1:24:02: And so, I'm just hoping that, and I'm very cynical. I mean I've been in Appropriations and Authorization Committee's meetings, and I know how they are. But at the same time, if we do not marshal what knowledge we have and apply it to the pressing policy problems, the other side, hate to sound polemical, but the other side will. And so we need you in the game and actually applying your great work to a lot of these issues.

1:24:37: Again, I think that my cynicism is a little bit... I didn't say it very well to explain what I mean, which is just that I was attempting to echo what was said earlier that I think the depth of inequality in America is not an unknown fact. And so I absolutely think there are places to intervene in policy for wealth, and I absolutely support that. So, an amazing example, which we're just talking about last night was that an early draft at the Republican tax bill proposed getting rid of the mortgage tax benefit for second homes and capping the mortgage deduction on first homes, at $500,000 rather than a million as is present.

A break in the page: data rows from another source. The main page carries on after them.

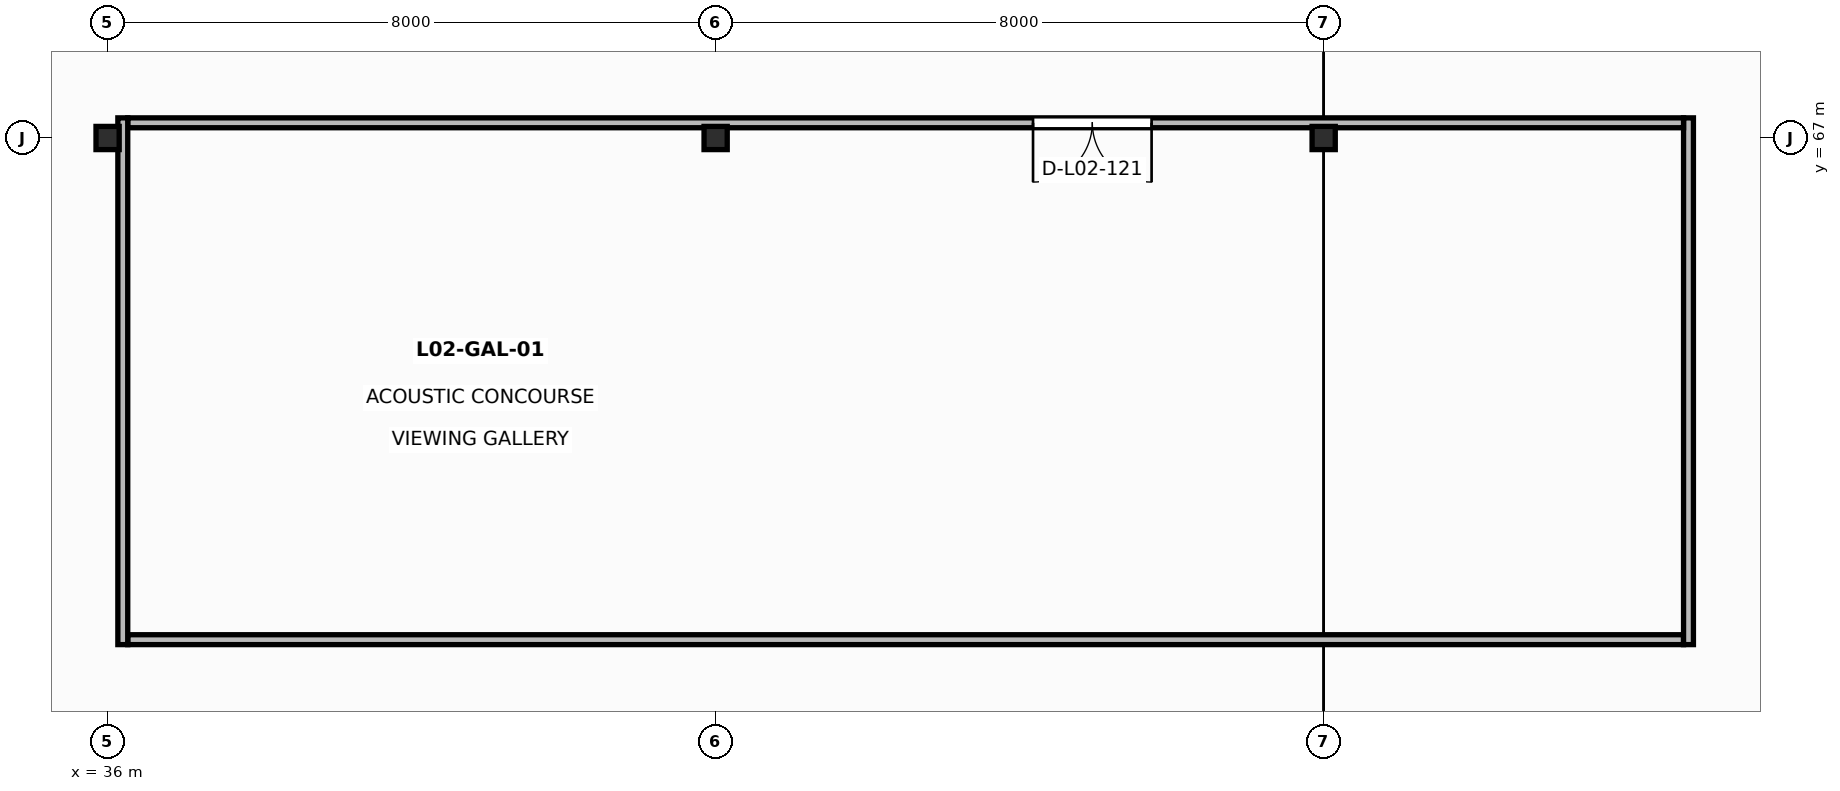
"""IFC4 building model, lengths in metres.
Left out: names, types, materials, properties, quantities, classifications, styles, units other than length and angle.
Written with IfcOpenShell. Run it as: python <this file> out.ifc"""

import sys

from ifc_helpers import new_model, si_unit, direction, frame, frame_2d, origin, origin_2d, place, context, subcontext, project, spatial, rectangle, hollow_rectangle, extrude, element, fill, save


model = new_model("IFC4")
c1 = context("Model", 3, precision=1e-05, world=origin(), true_north=direction((0.0, 1.0)))
c2 = subcontext(c1, "Body", "Model", "MODEL_VIEW")
j1 = project(units=[si_unit("LENGTHUNIT", "METRE"), si_unit("PLANEANGLEUNIT", "RADIAN")], contexts=[c1])
p1 = place(None, origin())
s1 = spatial("IfcSite", under=j1, at=p1, CompositionType="ELEMENT")
p2 = place(p1, origin())
s2 = spatial("IfcBuilding", under=s1, at=p2, CompositionType="ELEMENT")
p3 = place(p2, frame((0.0, 0.0, 11.2)))
s3 = spatial("IfcBuildingStorey", under=s2, at=p3, CompositionType="ELEMENT", Elevation=11.2)
p4 = place(p3, frame((36.0, 67.0, 0.0), z_axis=(0.0, 0.0, 1.0), x_axis=(1.0, 0.0, 0.0)))
e1 = element("IfcColumn", 1, at=p4, inside=s3, PredefinedType="COLUMN", context=c2, shape_type="SweptSolid", body=[
    extrude(hollow_rectangle(XDim=0.305, YDim=0.305, WallThickness=0.012, at=origin_2d()), origin(), (0.0, 0.0, 1.0), 4.3),
])
p5 = place(p3, frame((44.0, 67.0, 0.0), z_axis=(0.0, 0.0, 1.0), x_axis=(1.0, 0.0, 0.0)))
e2 = element("IfcColumn", 2, at=p5, inside=s3, PredefinedType="COLUMN", context=c2, shape_type="SweptSolid", body=[
    extrude(hollow_rectangle(XDim=0.305, YDim=0.305, WallThickness=0.012, at=origin_2d()), origin(), (0.0, 0.0, 1.0), 6.15),
])
p6 = place(p3, frame((52.0, 67.0, 0.0), z_axis=(0.0, 0.0, 1.0), x_axis=(1.0, 0.0, 0.0)))
e3 = element("IfcColumn", 3, at=p6, inside=s3, PredefinedType="COLUMN", context=c2, shape_type="SweptSolid", body=[
    extrude(hollow_rectangle(XDim=0.305, YDim=0.305, WallThickness=0.012, at=origin_2d()), origin(), (0.0, 0.0, 1.0), 4.3),
])
p7 = place(p3, frame((36.265, 60.4, 0.0), z_axis=(0.0, 0.0, 1.0), x_axis=(1.0, 0.0, 0.0)))
e4 = element("IfcWall", 4, at=p7, inside=s3, PredefinedType="PARTITIONING", context=c2, shape_type="SweptSolid", body=[
    extrude(rectangle(XDim=20.47, YDim=0.13, at=frame_2d((10.235, 0.0))), origin(), (0.0, 0.0, 1.0), 4.12),
])
p8 = place(p3, frame((56.8, 60.335, 0.0), z_axis=(0.0, 0.0, 1.0), x_axis=(0.0, 1.0, 0.0)))
e5 = element("IfcWall", 5, at=p8, inside=s3, PredefinedType="PARTITIONING", context=c2, shape_type="SweptSolid", body=[
    extrude(rectangle(XDim=6.93, YDim=0.13, at=frame_2d((3.465, 0.0))), origin(), (0.0, 0.0, 1.0), 4.12),
])
p9 = place(p3, frame((56.735, 67.2, 0.0), z_axis=(0.0, 0.0, 1.0), x_axis=(-1.0, 0.0, 0.0)))
e6 = element("IfcWall", 6, at=p9, inside=s3, PredefinedType="PARTITIONING", context=c2, shape_type="SweptSolid", body=[
    extrude(rectangle(XDim=20.47, YDim=0.13, at=frame_2d((10.235, 0.0))), origin(), (0.0, 0.0, 1.0), 4.12),
])
p10 = place(p9, frame((6.999, 0.0, 0.0)))
e7 = element("IfcOpeningElement", 7, at=p10, cuts=e6, PredefinedType="OPENING", context=c2, shape_type="SweptSolid", body=[
    extrude(rectangle(XDim=1.56, YDim=2.22, at=frame_2d((0.78, 1.11))), frame((0.0, 0.075, 0.0), z_axis=(0.0, -1.0, 0.0), x_axis=(1.0, 0.0, 0.0)), (0.0, 0.0, 1.0), 0.15),
])
p11 = place(p3, frame((36.2, 67.265, 0.0), z_axis=(0.0, 0.0, 1.0), x_axis=(0.0, -1.0, 0.0)))
e8 = element("IfcWall", 8, at=p11, inside=s3, PredefinedType="PARTITIONING", context=c2, shape_type="SweptSolid", body=[
    extrude(rectangle(XDim=6.93, YDim=0.13, at=frame_2d((3.465, 0.0))), origin(), (0.0, 0.0, 1.0), 4.12),
])
p12 = place(p10, origin())
e9 = element("IfcDoor", 9, at=p12, inside=s3, OperationType="DOUBLE_DOOR_SINGLE_SWING", PredefinedType="DOOR", context=c2, shape_type="SweptSolid", body=[
    extrude(rectangle(XDim=1.56, YDim=2.22, at=frame_2d((0.78, 1.11))), frame((0.0, 0.025, 0.0), z_axis=(0.0, -1.0, 0.0), x_axis=(1.0, 0.0, 0.0)), (0.0, 0.0, 1.0), 0.05),
])
fill(e7, e9)
save(model, sys.argv[1])

1:25:21: Well, that's a sort of interesting, redistributive, progressive idea to be in the draft for the Republican tax plan. I don't think that's gonna be what's in the final version, but absolutely I think we can advocate on policies like that. That'd be one really important way to intervene. So, again, all I'm saying is I don't think my research's saying, "Hey, who your parents are really matters" is the fact that's missing from our policy discussions. I think we need different kinds of conversations and again back to Maria's point, I think when scholars come in and say, "Hey, you probably haven't thought of the right... My brilliant scholarship yet," I think that can be counterproductive and we may need to shift a little bit to say, "I work with Big Survey Data about general patterns in the population." That may not be the relevant way to get into the weeds and talk with policymakers about whether we can shift that deduction from a million to $500,000.

1:26:17: I think that's all of our time for our session. So will you please thank our panel members.